The classic eval mistake is a random train/test split on temporal data, which leaks future information and inflates offline metrics. Recsys needs temporal splits: train before time t, test on t and after. Otherwise your Hit@10 of 0.42 offline becomes CTR of 1.2% in production and you own a bad retro.
Finally, trusting offline metrics blindly. Hit@K and NDCG@K are necessary but not sufficient — the literature is full of papers where offline improved and online A/B regressed. Plan the online experiment, define guardrails (session length, retention, revenue per user), and budget 2-4 weeks for a clean read.
Related reading
- Bias and fairness in data science interviews
- Hyperparameter tuning for ML interviews
- How to calculate cosine similarity in SQL
- How to build lookalike audiences in SQL
- How to calculate Jaccard similarity in SQL
If you want to drill recsys interview questions across MF, ALS, BPR, and two-tower like this every day, NAILDD is launching with structured problem sets across exactly this pattern.
FAQ
How many latent factors should I pick for matrix factorization?
The standard range is k = 32 to 256, with 64 or 128 as common defaults. Cross-validate against your real ranking metric (NDCG@10 or Hit@K) on a temporal holdout. Larger k overfits faster on sparse data — if you go from 64 to 256, also bump λ and add early stopping.

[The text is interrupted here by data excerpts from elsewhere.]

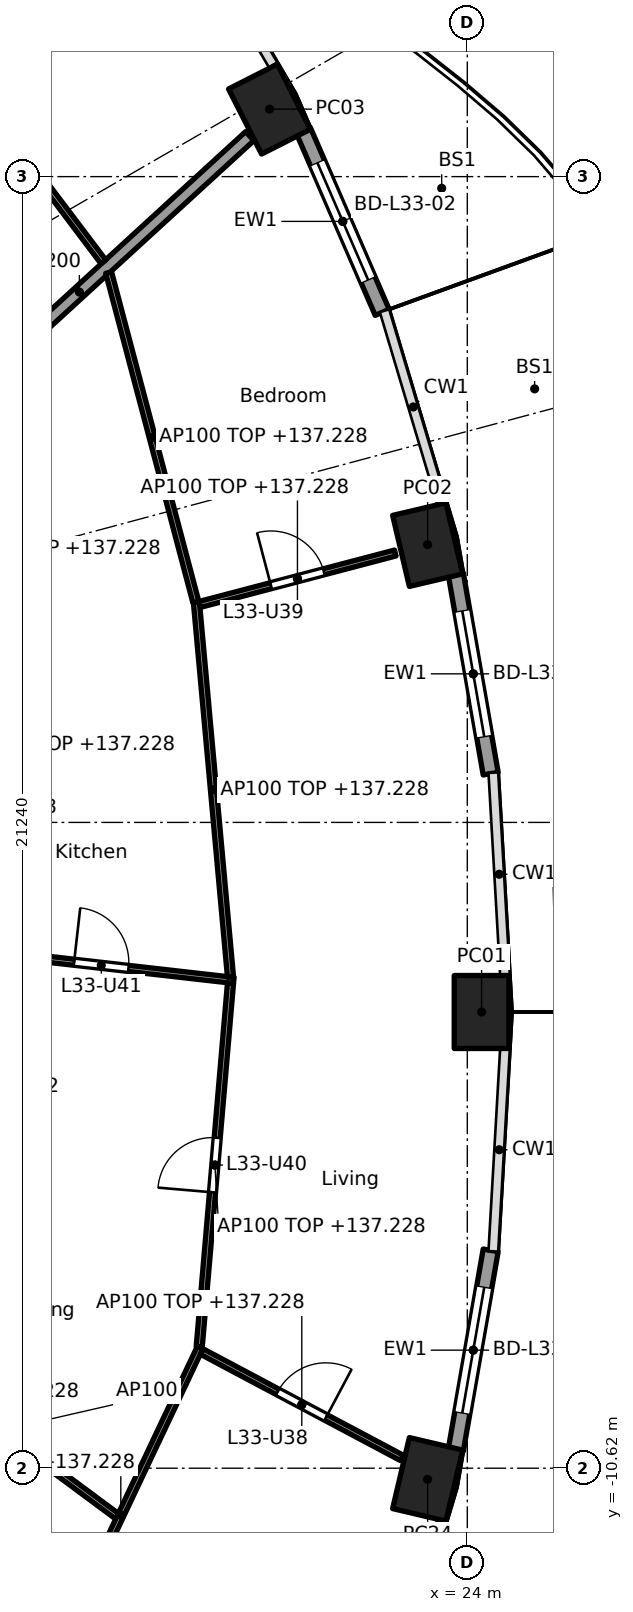
"""IFC4 building model, lengths in metres.
Left out: names, types, materials, properties, quantities, classifications, styles, units other than length and angle.
Written with IfcOpenShell. Run it as: python <this file> out.ifc"""

import sys

from ifc_helpers import new_model, si_unit, direction, frame, frame_2d, origin, origin_2d, place, context, subcontext, project, spatial, rectangle, hollow_rectangle, extrude, element, fill, save


model = new_model("IFC4")
c1 = context("Model", 3, precision=1e-05, world=origin(), true_north=direction((0.0, 1.0)))
c2 = subcontext(c1, "Body", "Model", "MODEL_VIEW")
j1 = project(units=[si_unit("LENGTHUNIT", "METRE"), si_unit("PLANEANGLEUNIT", "RADIAN")], contexts=[c1])
p1 = place(None, origin())
s1 = spatial("IfcSite", under=j1, at=p1, CompositionType="ELEMENT")
p2 = place(p1, origin())
s2 = spatial("IfcBuilding", under=s1, at=p2, CompositionType="ELEMENT")
p3 = place(p2, frame((0.0, 0.0, 134.4)))
s3 = spatial("IfcBuildingStorey", under=s2, at=p3, CompositionType="ELEMENT", Elevation=134.4)
for number, where, z_axis, x_axis in (
    (1, (24.235, -3.118, 0.0), (0.0, 0.0, 1.0), (0.0, 1.0, 0.0)),
    (2, (23.348, 4.568, 0.0), (0.0, 0.0, 1.0), (-0.229, 0.973, 0.0)),
    (3, (20.747, 11.73, 0.0), (0.0, 0.0, 1.0), (-0.452, 0.892, 0.0)),
    (4, (23.348, -10.803, 0.0), (0.0, 0.0, 1.0), (0.229, 0.973, 0.0)),
):
    element("IfcColumn", number, at=place(p3, frame(where, z_axis=z_axis, x_axis=x_axis)), inside=s3, PredefinedType="COLUMN", context=c2, shape_type="SweptSolid", body=[
        extrude(hollow_rectangle(XDim=1.2, YDim=0.9, WallThickness=0.04, at=origin_2d()), origin(), (0.0, 0.0, 1.0), 3.7),
    ])
p4 = place(p3, frame((23.811, 4.085, 0.0), z_axis=(0.0, 0.0, 1.0), x_axis=(0.172163521006, -0.985068384446, 0.0)))
e5 = element("IfcWall", 5, at=p4, inside=s3, PredefinedType="SOLIDWALL", context=c2, shape_type="SweptSolid", body=[
    extrude(rectangle(XDim=3.333, YDim=0.25, at=frame_2d((1.666, 0.0))), origin(), (0.0, 0.0, 1.0), 3.44),
])
p5 = place(p4, frame((0.616, 0.0, 0.0)))
e6 = element("IfcOpeningElement", 6, at=p5, cuts=e5, PredefinedType="OPENING", context=c2, shape_type="SweptSolid", body=[
    extrude(rectangle(XDim=2.1, YDim=2.4, at=frame_2d((1.05, 1.2))), frame((0.0, 0.135, 0.0), z_axis=(0.0, -1.0, 0.0), x_axis=(1.0, 0.0, 0.0)), (0.0, 0.0, 1.0), 0.27),
])
p6 = place(p3, frame((21.304, 11.38, 0.0), z_axis=(0.0, 0.0, 1.0), x_axis=(0.397575919276, -0.917569282622, 0.0)))
e7 = element("IfcWall", 7, at=p6, inside=s3, PredefinedType="SOLIDWALL", context=c2, shape_type="SweptSolid", body=[
    extrude(rectangle(XDim=3.261, YDim=0.25, at=frame_2d((1.63, 0.0))), origin(), (0.0, 0.0, 1.0), 3.44),
])
p7 = place(p6, frame((0.58, 0.0, 0.0)))
e8 = element("IfcOpeningElement", 8, at=p7, cuts=e7, PredefinedType="OPENING", context=c2, shape_type="SweptSolid", body=[
    extrude(rectangle(XDim=2.1, YDim=2.4, at=frame_2d((1.05, 1.2))), frame((0.0, 0.135, 0.0), z_axis=(0.0, -1.0, 0.0), x_axis=(1.0, 0.0, 0.0)), (0.0, 0.0, 1.0), 0.27),
])
p8 = place(p3, frame((24.385, -7.037, 0.0), z_axis=(0.0, 0.0, 1.0), x_axis=(-0.172163521006, -0.985068384446, 0.0)))
e9 = element("IfcWall", 9, at=p8, inside=s3, PredefinedType="SOLIDWALL", context=c2, shape_type="SweptSolid", body=[
    extrude(rectangle(XDim=3.333, YDim=0.25, at=frame_2d((1.666, 0.0))), origin(), (0.0, 0.0, 1.0), 3.44),
])
p9 = place(p8, frame((0.616, 0.0, 0.0)))
e10 = element("IfcOpeningElement", 10, at=p9, cuts=e9, PredefinedType="OPENING", context=c2, shape_type="SweptSolid", body=[
    extrude(rectangle(XDim=2.1, YDim=2.4, at=frame_2d((1.05, 1.2))), frame((0.0, 0.135, 0.0), z_axis=(0.0, -1.0, 0.0), x_axis=(1.0, 0.0, 0.0)), (0.0, 0.0, 1.0), 0.27),
])
p10 = place(p3, frame((14.819, 6.157, 0.0), z_axis=(0.0, 0.0, 1.0), x_axis=(0.737608883396, 0.675228209671, 0.0)))
e11 = element("IfcWall", 11, at=p10, inside=s3, PredefinedType="PARTITIONING", context=c2, shape_type="SweptSolid", body=[
    extrude(rectangle(XDim=7.596, YDim=0.2, at=frame_2d((3.798, 0.0))), origin(), (0.0, 0.0, 1.0), 3.44),
])
p11 = place(p3, frame((12.664, -1.746, 0.0), z_axis=(0.0, 0.0, 1.0), x_axis=(0.993605172276, -0.112910414164, 0.0)))
e12 = element("IfcWall", 12, at=p11, inside=s3, PredefinedType="PARTITIONING", context=c2, shape_type="SweptSolid", body=[
    extrude(rectangle(XDim=7.544, YDim=0.1, at=frame_2d((3.772, 0.0))), origin(), (0.0, 0.0, 1.0), 2.756),
])
p12 = place(p11, frame((4.901, 0.0, 0.0)))
e13 = element("IfcOpeningElement", 13, at=p12, cuts=e12, PredefinedType="OPENING", context=c2, shape_type="SweptSolid", body=[
    extrude(rectangle(XDim=0.9, YDim=2.1, at=frame_2d((0.45, 1.05))), frame((0.0, 0.06, 0.0), z_axis=(0.0, -1.0, 0.0), x_axis=(1.0, 0.0, 0.0)), (0.0, 0.0, 1.0), 0.12),
])
p13 = place(p3, frame((20.106, -2.542, 0.0), z_axis=(0.0, 0.0, 1.0), x_axis=(-0.090567755363, 0.995890296011, 0.0)))
e14 = element("IfcWall", 14, at=p13, inside=s3, PredefinedType="PARTITIONING", context=c2, shape_type="SweptSolid", body=[
    extrude(rectangle(XDim=6.189, YDim=0.1, at=frame_2d((3.095, 0.0))), origin(), (0.0, 0.0, 1.0), 2.828),
])
p14 = place(p3, frame((20.106, -2.642, 0.0), z_axis=(0.0, 0.0, 1.0), x_axis=(-0.085672025822, -0.996323393277, 0.0)))
e15 = element("IfcWall", 15, at=p14, inside=s3, PredefinedType="PARTITIONING", context=c2, shape_type="SweptSolid", body=[
    extrude(rectangle(XDim=6.007, YDim=0.1, at=frame_2d((3.003, 0.0))), origin(), (0.0, 0.0, 1.0), 2.828),
])
p15 = place(p14, frame((2.554, 0.0, 0.0)))
e16 = element("IfcOpeningElement", 16, at=p15, cuts=e15, PredefinedType="OPENING", context=c2, shape_type="SweptSolid", body=[
    extrude(rectangle(XDim=0.9, YDim=2.1, at=frame_2d((0.45, 1.05))), frame((0.0, 0.06, 0.0), z_axis=(0.0, -1.0, 0.0), x_axis=(1.0, 0.0, 0.0)), (0.0, 0.0, 1.0), 0.12),
])
p16 = place(p3, frame((19.598, 3.584, 0.0), z_axis=(0.0, 0.0, 1.0), x_axis=(0.967108750962, 0.254363251695, 0.0)))
e17 = element("IfcWall", 17, at=p16, inside=s3, PredefinedType="PARTITIONING", context=c2, shape_type="SweptSolid", body=[
    extrude(rectangle(XDim=3.327, YDim=0.1, at=frame_2d((1.663, 0.0))), origin(), (0.0, 0.0, 1.0), 2.828),
])
p17 = place(p16, frame((1.213, 0.0, 0.0)))
e18 = element("IfcOpeningElement", 18, at=p17, cuts=e17, PredefinedType="OPENING", context=c2, shape_type="SweptSolid", body=[
    extrude(rectangle(XDim=0.9, YDim=2.1, at=frame_2d((0.45, 1.05))), frame((0.0, 0.06, 0.0), z_axis=(0.0, -1.0, 0.0), x_axis=(1.0, 0.0, 0.0)), (0.0, 0.0, 1.0), 0.12),
])
p18 = place(p3, frame((19.537, 3.62, 0.0), z_axis=(0.0, 0.0, 1.0), x_axis=(-0.255909310473, 0.966700793841, 0.0)))
e19 = element("IfcWall", 19, at=p18, inside=s3, PredefinedType="PARTITIONING", context=c2, shape_type="SweptSolid", body=[
    extrude(rectangle(XDim=5.609, YDim=0.1, at=frame_2d((2.804, 0.0))), origin(), (0.0, 0.0, 1.0), 2.828),
])
p19 = place(p3, frame((18.016, 9.218, 0.0), z_axis=(0.0, 0.0, 1.0), x_axis=(-0.602411163107, 0.798185937338, 0.0)))
e20 = element("IfcWall", 20, at=p19, inside=s3, PredefinedType="PARTITIONING", context=c2, shape_type="SweptSolid", body=[
    extrude(rectangle(XDim=6.894, YDim=0.1, at=frame_2d((3.447, 0.0))), origin(), (0.0, 0.0, 1.0), 2.828),
])
p20 = place(p19, frame((2.972, 0.0, 0.0)))
e21 = element("IfcOpeningElement", 21, at=p20, cuts=e20, PredefinedType="OPENING", context=c2, shape_type="SweptSolid", body=[
    extrude(rectangle(XDim=0.9, YDim=2.1, at=frame_2d((0.45, 1.05))), frame((0.0, 0.06, 0.0), z_axis=(0.0, -1.0, 0.0), x_axis=(1.0, 0.0, 0.0)), (0.0, 0.0, 1.0), 0.12),
])
p21 = place(p3, frame((10.184, -7.727, 0.0), z_axis=(0.0, 0.0, 1.0), x_axis=(0.723635100101, -0.690182759783, 0.0)))
e22 = element("IfcWall", 22, at=p21, inside=s3, PredefinedType="PARTITIONING", context=c2, shape_type="SweptSolid", body=[
    extrude(rectangle(XDim=14.173, YDim=0.1, at=frame_2d((7.086, 0.0))), origin(), (0.0, 0.0, 1.0), 2.756),
])
p22 = place(p21, frame((1.565, 0.0, 0.0)))
e23 = element("IfcOpeningElement", 23, at=p22, cuts=e22, PredefinedType="OPENING", context=c2, shape_type="SweptSolid", body=[
    extrude(rectangle(XDim=0.9, YDim=2.1, at=frame_2d((0.45, 1.05))), frame((0.0, 0.06, 0.0), z_axis=(0.0, -1.0, 0.0), x_axis=(1.0, 0.0, 0.0)), (0.0, 0.0, 1.0), 0.12),
])
p23 = place(p21, frame((6.257, 0.0, 0.0)))
e24 = element("IfcOpeningElement", 24, at=p23, cuts=e22, PredefinedType="OPENING", context=c2, shape_type="SweptSolid", body=[
    extrude(rectangle(XDim=0.9, YDim=2.1, at=frame_2d((0.45, 1.05))), frame((0.0, 0.06, 0.0), z_axis=(0.0, -1.0, 0.0), x_axis=(1.0, 0.0, 0.0)), (0.0, 0.0, 1.0), 0.12),
])
p24 = place(p21, frame((11.328, 0.0, 0.0)))
e25 = element("IfcOpeningElement", 25, at=p24, cuts=e22, PredefinedType="OPENING", context=c2, shape_type="SweptSolid", body=[
    extrude(rectangle(XDim=0.9, YDim=2.1, at=frame_2d((0.45, 1.05))), frame((0.0, 0.06, 0.0), z_axis=(0.0, -1.0, 0.0), x_axis=(1.0, 0.0, 0.0)), (0.0, 0.0, 1.0), 0.12),
])
p25 = place(p3, frame((16.995, -14.158, 0.0), z_axis=(0.0, 0.0, 1.0), x_axis=(0.427456178439, 0.904036069808, 0.0)))
e26 = element("IfcWall", 26, at=p25, inside=s3, PredefinedType="PARTITIONING", context=c2, shape_type="SweptSolid", body=[
    extrude(rectangle(XDim=6.113, YDim=0.1, at=frame_2d((3.057, 0.0))), origin(), (0.0, 0.0, 1.0), 2.828),
])
p26 = place(p3, frame((14.429, -8.583, 0.0), z_axis=(0.0, 0.0, 1.0), x_axis=(0.803162355549, -0.595760212358, 0.0)))
e27 = element("IfcWall", 27, at=p26, inside=s3, PredefinedType="PARTITIONING", context=c2, shape_type="SweptSolid", body=[
    extrude(rectangle(XDim=4.745, YDim=0.1, at=frame_2d((2.373, 0.0))), origin(), (0.0, 0.0, 1.0), 3.44),
])
p27 = place(p3, frame((19.631, -8.7, 0.0), z_axis=(0.0, 0.0, 1.0), x_axis=(0.883011478612, -0.469351391433, 0.0)))
e28 = element("IfcWall", 28, at=p27, inside=s3, PredefinedType="PARTITIONING", context=c2, shape_type="SweptSolid", body=[
    extrude(rectangle(XDim=3.731, YDim=0.1, at=frame_2d((1.865, 0.0))), origin(), (0.0, 0.0, 1.0), 2.828),
])
p28 = place(p27, frame((1.415, 0.0, 0.0)))
e29 = element("IfcOpeningElement", 29, at=p28, cuts=e28, PredefinedType="OPENING", context=c2, shape_type="SweptSolid", body=[
    extrude(rectangle(XDim=0.9, YDim=2.1, at=frame_2d((0.45, 1.05))), frame((0.0, 0.06, 0.0), z_axis=(0.0, -1.0, 0.0), x_axis=(1.0, 0.0, 0.0)), (0.0, 0.0, 1.0), 0.12),
])
p29 = place(p5, origin())
e30 = element("IfcDoor", 30, at=p29, inside=s3, OperationType="SLIDING_TO_LEFT", PredefinedType="DOOR", context=c2, shape_type="SweptSolid", body=[
    extrude(rectangle(XDim=2.1, YDim=2.4, at=frame_2d((1.05, 1.2))), frame((0.0, 0.025, 0.0), z_axis=(0.0, -1.0, 0.0), x_axis=(1.0, 0.0, 0.0)), (0.0, 0.0, 1.0), 0.05),
])
fill(e6, e30)
p30 = place(p7, origin())
e31 = element("IfcDoor", 31, at=p30, inside=s3, OperationType="SLIDING_TO_LEFT", PredefinedType="DOOR", context=c2, shape_type="SweptSolid", body=[
    extrude(rectangle(XDim=2.1, YDim=2.4, at=frame_2d((1.05, 1.2))), frame((0.0, 0.025, 0.0), z_axis=(0.0, -1.0, 0.0), x_axis=(1.0, 0.0, 0.0)), (0.0, 0.0, 1.0), 0.05),
])
fill(e8, e31)
p31 = place(p9, origin())
e32 = element("IfcDoor", 32, at=p31, inside=s3, OperationType="SLIDING_TO_LEFT", PredefinedType="DOOR", context=c2, shape_type="SweptSolid", body=[
    extrude(rectangle(XDim=2.1, YDim=2.4, at=frame_2d((1.05, 1.2))), frame((0.0, 0.025, 0.0), z_axis=(0.0, -1.0, 0.0), x_axis=(1.0, 0.0, 0.0)), (0.0, 0.0, 1.0), 0.05),
])
fill(e10, e32)
p32 = place(p28, origin())
e33 = element("IfcDoor", 33, at=p32, inside=s3, OperationType="SINGLE_SWING_RIGHT", PredefinedType="DOOR", context=c2, shape_type="SweptSolid", body=[
    extrude(rectangle(XDim=0.9, YDim=2.1, at=frame_2d((0.45, 1.05))), frame((0.0, 0.025, 0.0), z_axis=(0.0, -1.0, 0.0), x_axis=(1.0, 0.0, 0.0)), (0.0, 0.0, 1.0), 0.05),
])
fill(e29, e33)
p33 = place(p17, origin())
e34 = element("IfcDoor", 34, at=p33, inside=s3, OperationType="SINGLE_SWING_LEFT", PredefinedType="DOOR", context=c2, shape_type="SweptSolid", body=[
    extrude(rectangle(XDim=0.9, YDim=2.1, at=frame_2d((0.45, 1.05))), frame((0.0, 0.025, 0.0), z_axis=(0.0, -1.0, 0.0), x_axis=(1.0, 0.0, 0.0)), (0.0, 0.0, 1.0), 0.05),
])
fill(e18, e34)
p34 = place(p15, frame((0.9, 0.0, 0.0), x_axis=(-1.0, 0.0, 0.0)))
e35 = element("IfcDoor", 35, at=p34, inside=s3, OperationType="SINGLE_SWING_LEFT", PredefinedType="DOOR", context=c2, shape_type="SweptSolid", body=[
    extrude(rectangle(XDim=0.9, YDim=2.1, at=frame_2d((0.45, 1.05))), frame((0.0, 0.025, 0.0), z_axis=(0.0, -1.0, 0.0), x_axis=(1.0, 0.0, 0.0)), (0.0, 0.0, 1.0), 0.05),
])
fill(e16, e35)
p35 = place(p12, origin())
e36 = element("IfcDoor", 36, at=p35, inside=s3, OperationType="SINGLE_SWING_LEFT", PredefinedType="DOOR", context=c2, shape_type="SweptSolid", body=[
    extrude(rectangle(XDim=0.9, YDim=2.1, at=frame_2d((0.45, 1.05))), frame((0.0, 0.025, 0.0), z_axis=(0.0, -1.0, 0.0), x_axis=(1.0, 0.0, 0.0)), (0.0, 0.0, 1.0), 0.05),
])
fill(e13, e36)
save(model, sys.argv[1])

Is matrix factorization still good enough for production at a serious company?
Yes, as a baseline and often as the candidate-generation layer. Spark ALS handles billions of interactions and produces a strong retrieval set. Modern systems layer a deeper ranking model (gradient boosting or a neural ranker) on top. Skipping MF and jumping to transformers is a fast way to ship something that costs ten times as much and performs worse.
What are Factorization Machines and should I mention them?
FMs generalize MF to arbitrary feature interactions — beyond user and item IDs, you can plug in context, device, time of day, and the model learns pairwise interactions via low-rank factors. Useful for cold start because they score new items from features. Mentioning FMs signals you read past the textbook chapter.
How do I evaluate a recsys offline before A/B testing?
Use temporal splits, not random. Train before time t, predict for users in the test window, compute Hit@K, NDCG@K, MAP@K, MRR at multiple K values. Always sanity-check against a popularity baseline — if a two-tower model only beats popularity by 2 percentage points, the complexity isn't worth it.
Is this content official?
No. This is an interview-prep digest based on standard references — Koren 2009, Rendle 2009 (BPR), Hu et al. 2008 (implicit feedback), plus LightGCN and SASRec. Treat it as a map, not gospel.